From Informal to Formal: The Path to IT Governance at Texas A&M University
Credit: one photo / Shutterstock © 2018

Texas A&M University (TAMU) is a public land-grant institution in College Station, Texas, with approximately 69,000 students and more than $900 million in research expenditures. TAMU's organizational structure contains a mix of decentralized IT units embedded into colleges and divisions and two large IT organizations offering centralized services. The senior-most IT leader is the vice president (VP) for IT and CIO, who reports to the president. The IT leader presides over the Division of IT, which offers a mix of common goods and services (networking, email, security) and fee-for-service offerings.

Like many other universities, ours has a robust enterprise governance structure, with committees to directly address faculty concerns (Faculty Senate), student issues (Student Government), and university staff concerns (University Staff Council). Further, TAMU's University Enterprise Governance structure comprises various leadership committees, led by the president (President's Council), provosts (Academic Leadership Team), deans (Deans Council), budget review boards (Finance and Academic Executive Leaders), and facilities (Council for Built Environment). However, TAMU lacked a codified IT governance (ITG) structure and, like most large research universities, individual colleges and divisions had historically run their own IT organizations, which sometimes operated independently.

The Roots of Change

Perceiving a lack of alignment between IT decision-making and expenditures and the university's strategic direction, IT professionals across TAMU began discussing the idea of establishing a formalized ITG structure.

In the preceding years, the university had made significant improvements to consolidate IT services and improve collaboration and interdependence of IT organizations across the institution. However, even though this increased collaboration benefited the university, a formalized ITG structure was needed to ensure that IT was aligned with the university's mission. Further, TAMU's informal ITG structure included only a narrow band of stakeholders, and it did not include representatives of faculty, mission-critical units, or students.

Thus, the driving forces to create a new formalized ITG framework were to

  • more broadly represent TAMU's diverse constituents and
  • ensure that IT was discussed in relation to a comprehensive university's three main pillars: research, teaching, and service.

In addition, TAMU's rapid growth and a 24.6 percent increase (13,136 students) from 2011 to 2016 created an environment that further highlighted the disjointed nature of IT spending to decision-making. This growth underscored the need for

  • formalized collaboration among IT professionals,
  • alignment of IT resources and the university's mission,
  • better deployment of IT services, and
  • improved use of IT expenditures.

Many of these factors also highlighted the profound importance of faculty input into IT decisions. Finally, during this same time period, the TAMU System Office had begun encouraging improved collaboration around and use of IT expenditures.

The Framework Development Process

As a result of these converging factors, in fall 2016, the VP for IT and the VP for Academic Services commissioned a task force of faculty and staff to research and develop a formalized ITG framework.
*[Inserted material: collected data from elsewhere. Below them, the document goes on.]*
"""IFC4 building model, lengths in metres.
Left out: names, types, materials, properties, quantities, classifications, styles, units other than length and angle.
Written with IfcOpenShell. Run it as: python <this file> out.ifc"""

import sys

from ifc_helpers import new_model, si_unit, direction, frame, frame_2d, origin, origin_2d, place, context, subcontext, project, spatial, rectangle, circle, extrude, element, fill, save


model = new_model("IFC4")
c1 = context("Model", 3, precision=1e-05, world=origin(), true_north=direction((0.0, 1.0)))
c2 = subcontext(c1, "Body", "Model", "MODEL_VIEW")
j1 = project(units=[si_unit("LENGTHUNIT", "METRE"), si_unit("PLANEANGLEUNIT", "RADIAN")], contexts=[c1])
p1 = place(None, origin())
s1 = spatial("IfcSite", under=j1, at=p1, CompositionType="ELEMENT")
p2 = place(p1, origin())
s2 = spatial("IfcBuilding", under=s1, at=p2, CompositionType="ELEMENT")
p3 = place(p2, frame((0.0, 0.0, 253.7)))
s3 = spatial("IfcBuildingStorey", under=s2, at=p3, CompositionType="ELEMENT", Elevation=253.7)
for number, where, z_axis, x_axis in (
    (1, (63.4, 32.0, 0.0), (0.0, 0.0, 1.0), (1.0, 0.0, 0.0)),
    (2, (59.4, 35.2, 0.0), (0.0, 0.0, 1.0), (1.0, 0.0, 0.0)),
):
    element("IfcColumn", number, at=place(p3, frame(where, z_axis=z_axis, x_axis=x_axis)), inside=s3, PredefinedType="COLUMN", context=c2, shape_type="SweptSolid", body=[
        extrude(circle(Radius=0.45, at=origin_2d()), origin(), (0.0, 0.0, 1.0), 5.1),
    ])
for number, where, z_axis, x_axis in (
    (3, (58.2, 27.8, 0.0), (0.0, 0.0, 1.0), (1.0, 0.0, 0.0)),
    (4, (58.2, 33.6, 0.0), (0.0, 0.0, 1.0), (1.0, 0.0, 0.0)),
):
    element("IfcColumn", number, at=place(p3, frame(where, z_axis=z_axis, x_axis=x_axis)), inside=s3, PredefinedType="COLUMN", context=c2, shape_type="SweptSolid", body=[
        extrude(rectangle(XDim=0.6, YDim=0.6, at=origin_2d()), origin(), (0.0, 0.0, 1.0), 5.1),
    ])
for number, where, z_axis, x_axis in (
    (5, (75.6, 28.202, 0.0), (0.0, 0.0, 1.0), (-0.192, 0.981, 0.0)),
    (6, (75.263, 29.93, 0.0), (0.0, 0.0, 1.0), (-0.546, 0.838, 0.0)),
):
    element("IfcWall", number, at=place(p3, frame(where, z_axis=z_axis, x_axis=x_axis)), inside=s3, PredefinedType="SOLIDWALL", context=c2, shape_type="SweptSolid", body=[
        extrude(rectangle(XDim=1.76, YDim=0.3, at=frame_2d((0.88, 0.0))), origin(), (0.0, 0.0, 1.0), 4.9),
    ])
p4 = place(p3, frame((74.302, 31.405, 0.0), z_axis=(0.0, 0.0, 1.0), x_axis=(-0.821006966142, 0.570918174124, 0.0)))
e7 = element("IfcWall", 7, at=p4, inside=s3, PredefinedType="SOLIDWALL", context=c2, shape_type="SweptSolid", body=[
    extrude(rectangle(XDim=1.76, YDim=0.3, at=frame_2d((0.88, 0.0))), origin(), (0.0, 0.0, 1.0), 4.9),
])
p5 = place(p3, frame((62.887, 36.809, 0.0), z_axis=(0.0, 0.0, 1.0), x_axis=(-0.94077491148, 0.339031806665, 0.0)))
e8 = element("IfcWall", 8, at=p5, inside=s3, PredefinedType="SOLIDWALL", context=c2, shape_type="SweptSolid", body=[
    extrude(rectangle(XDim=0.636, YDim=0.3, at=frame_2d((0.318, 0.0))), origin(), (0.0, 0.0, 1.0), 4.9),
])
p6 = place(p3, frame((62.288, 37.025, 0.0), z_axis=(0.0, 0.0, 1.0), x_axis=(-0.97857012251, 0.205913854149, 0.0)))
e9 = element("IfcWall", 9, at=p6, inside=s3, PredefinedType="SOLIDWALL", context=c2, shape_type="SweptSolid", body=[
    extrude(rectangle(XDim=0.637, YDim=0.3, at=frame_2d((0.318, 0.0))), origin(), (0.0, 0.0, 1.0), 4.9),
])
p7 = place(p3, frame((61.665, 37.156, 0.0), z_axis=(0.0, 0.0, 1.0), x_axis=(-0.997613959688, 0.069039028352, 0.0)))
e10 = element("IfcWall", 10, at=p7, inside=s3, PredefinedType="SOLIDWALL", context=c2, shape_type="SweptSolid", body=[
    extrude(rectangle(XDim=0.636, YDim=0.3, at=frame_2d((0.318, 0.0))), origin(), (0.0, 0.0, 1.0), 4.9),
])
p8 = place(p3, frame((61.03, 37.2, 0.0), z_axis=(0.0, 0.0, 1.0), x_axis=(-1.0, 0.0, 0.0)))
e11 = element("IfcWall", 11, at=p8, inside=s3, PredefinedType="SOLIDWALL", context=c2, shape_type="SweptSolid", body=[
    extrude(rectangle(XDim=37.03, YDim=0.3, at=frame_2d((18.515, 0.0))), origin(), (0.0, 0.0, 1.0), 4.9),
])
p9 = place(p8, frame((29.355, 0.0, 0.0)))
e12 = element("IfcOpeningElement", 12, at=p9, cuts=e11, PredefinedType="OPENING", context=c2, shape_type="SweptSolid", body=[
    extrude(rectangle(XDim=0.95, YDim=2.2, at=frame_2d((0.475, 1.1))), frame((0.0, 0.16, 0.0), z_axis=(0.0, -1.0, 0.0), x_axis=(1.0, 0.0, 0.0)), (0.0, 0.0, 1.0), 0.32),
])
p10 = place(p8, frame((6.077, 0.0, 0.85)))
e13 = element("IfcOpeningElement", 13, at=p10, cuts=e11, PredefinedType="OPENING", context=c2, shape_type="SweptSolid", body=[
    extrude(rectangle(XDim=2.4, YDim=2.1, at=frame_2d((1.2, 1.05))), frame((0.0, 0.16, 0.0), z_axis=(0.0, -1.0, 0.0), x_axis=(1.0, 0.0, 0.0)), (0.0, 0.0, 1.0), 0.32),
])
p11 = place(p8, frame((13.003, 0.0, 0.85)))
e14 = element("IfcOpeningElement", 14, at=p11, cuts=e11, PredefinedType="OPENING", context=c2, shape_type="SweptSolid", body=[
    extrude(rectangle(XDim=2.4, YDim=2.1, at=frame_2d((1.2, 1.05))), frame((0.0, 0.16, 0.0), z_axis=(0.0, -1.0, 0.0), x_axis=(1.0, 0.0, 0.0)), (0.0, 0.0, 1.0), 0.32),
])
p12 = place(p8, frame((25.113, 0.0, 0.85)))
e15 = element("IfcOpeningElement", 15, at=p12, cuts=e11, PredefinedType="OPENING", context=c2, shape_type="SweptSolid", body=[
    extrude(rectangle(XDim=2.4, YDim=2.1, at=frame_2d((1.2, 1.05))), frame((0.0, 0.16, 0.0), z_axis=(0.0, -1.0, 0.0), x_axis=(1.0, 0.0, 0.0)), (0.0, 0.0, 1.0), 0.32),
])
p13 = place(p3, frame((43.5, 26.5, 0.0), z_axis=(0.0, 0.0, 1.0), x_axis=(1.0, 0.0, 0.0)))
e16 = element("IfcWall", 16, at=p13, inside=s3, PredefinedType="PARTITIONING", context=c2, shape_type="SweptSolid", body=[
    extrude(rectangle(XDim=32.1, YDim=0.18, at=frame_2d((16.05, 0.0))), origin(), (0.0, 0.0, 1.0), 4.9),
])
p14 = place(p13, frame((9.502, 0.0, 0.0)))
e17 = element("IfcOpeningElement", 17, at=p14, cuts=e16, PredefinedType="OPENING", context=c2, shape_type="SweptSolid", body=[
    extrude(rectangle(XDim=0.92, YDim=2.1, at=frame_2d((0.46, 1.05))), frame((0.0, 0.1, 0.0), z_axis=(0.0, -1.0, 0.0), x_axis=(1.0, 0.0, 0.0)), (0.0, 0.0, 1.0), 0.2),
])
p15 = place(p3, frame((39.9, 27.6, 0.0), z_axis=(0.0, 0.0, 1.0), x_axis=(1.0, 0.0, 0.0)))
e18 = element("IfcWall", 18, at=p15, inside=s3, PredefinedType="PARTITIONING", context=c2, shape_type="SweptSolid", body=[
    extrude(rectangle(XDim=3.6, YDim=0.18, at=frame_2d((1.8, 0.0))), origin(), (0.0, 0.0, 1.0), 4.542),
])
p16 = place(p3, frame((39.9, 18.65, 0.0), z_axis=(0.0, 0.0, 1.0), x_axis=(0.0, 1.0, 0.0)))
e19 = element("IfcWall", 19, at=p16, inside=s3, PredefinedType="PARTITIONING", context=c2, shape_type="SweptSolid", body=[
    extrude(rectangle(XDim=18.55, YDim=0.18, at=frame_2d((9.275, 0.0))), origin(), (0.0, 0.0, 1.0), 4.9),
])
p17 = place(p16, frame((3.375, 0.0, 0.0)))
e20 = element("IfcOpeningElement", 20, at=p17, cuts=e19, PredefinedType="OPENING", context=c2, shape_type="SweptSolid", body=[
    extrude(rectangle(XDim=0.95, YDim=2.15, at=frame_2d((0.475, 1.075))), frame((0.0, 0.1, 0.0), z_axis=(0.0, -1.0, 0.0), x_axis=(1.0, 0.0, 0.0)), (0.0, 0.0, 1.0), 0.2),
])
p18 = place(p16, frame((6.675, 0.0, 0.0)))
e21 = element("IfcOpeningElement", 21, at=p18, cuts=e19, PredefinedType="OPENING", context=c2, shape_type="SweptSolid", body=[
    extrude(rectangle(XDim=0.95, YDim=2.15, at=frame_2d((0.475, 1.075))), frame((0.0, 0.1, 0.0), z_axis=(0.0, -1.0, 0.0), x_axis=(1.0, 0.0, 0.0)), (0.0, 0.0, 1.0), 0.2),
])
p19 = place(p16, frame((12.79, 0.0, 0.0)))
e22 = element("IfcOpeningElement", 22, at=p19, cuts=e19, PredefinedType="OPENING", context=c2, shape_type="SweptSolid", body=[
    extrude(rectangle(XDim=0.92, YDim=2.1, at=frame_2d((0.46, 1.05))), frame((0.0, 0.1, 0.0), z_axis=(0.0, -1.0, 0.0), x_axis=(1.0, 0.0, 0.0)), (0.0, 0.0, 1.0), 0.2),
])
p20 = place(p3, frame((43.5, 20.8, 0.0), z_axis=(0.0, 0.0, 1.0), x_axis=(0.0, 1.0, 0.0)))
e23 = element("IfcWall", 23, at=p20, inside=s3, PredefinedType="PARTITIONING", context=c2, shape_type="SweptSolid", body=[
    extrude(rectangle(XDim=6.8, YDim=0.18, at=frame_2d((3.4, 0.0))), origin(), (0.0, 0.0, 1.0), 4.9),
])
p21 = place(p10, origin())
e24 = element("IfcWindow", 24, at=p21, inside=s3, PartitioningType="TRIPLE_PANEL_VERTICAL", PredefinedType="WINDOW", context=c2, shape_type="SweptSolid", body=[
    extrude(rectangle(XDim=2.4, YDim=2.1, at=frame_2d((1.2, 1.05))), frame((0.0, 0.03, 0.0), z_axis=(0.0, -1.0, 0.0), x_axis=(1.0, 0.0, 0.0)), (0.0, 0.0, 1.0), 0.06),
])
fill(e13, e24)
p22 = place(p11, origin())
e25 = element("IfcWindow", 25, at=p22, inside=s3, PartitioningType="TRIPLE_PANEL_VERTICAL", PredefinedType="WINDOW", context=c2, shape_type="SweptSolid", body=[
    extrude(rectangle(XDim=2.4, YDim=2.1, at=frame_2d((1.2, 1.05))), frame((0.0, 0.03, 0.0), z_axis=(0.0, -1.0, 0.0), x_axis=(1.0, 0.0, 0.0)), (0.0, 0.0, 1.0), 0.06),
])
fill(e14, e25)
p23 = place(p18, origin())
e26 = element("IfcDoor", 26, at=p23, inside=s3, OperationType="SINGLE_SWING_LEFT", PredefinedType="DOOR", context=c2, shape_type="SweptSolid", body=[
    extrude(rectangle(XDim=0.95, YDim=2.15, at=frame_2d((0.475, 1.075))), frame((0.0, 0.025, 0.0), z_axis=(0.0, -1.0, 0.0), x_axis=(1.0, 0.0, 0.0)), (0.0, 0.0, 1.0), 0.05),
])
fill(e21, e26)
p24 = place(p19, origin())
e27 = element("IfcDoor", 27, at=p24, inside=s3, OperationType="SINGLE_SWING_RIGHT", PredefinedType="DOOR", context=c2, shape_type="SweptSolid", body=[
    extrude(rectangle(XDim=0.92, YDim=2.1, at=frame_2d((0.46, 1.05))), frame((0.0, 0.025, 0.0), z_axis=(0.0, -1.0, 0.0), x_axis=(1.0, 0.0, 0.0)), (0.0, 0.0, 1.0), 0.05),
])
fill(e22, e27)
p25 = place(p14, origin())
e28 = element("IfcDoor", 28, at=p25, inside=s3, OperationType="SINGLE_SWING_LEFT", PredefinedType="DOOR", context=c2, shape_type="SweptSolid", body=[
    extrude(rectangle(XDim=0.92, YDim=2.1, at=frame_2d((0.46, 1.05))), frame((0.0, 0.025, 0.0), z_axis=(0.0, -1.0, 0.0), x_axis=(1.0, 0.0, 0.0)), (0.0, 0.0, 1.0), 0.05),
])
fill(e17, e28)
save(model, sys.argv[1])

The resulting task force was purposefully small; it had only four members (two staff members and two faculty).

Initial Development

The two staff members were responsible for research and development efforts using internal sources, including previous ITG research from the Information Technology Advisory Committee (ITAC); elements of good practices found in the Deloitte-based Texas A&M System IT Governance and Collaboration Framework; and the TAMU System Internal Audit recommendations on ITG. Their external research sources included ITIL version 3, Control Objectives for Information Technology (COBIT) version 5, ISO 38500, the Governance of Enterprise IT (GEIT) framework, an ITG book by Peter Weill and Jeanne Ross, and the EDUCAUSE IT Governance, Risk, and Compliance Program.

For benchmarking, the staff members within the task force chose three Vision 2020 peer institutions: the University of Texas at Austin, the University of California, Berkeley, and the University of Washington. They conducted telephone conferences with each institution to examine their structure, lessons learned, and plans for improving their existing structure. They used this information to design the first ITG framework, which they submitted to the faculty members for review.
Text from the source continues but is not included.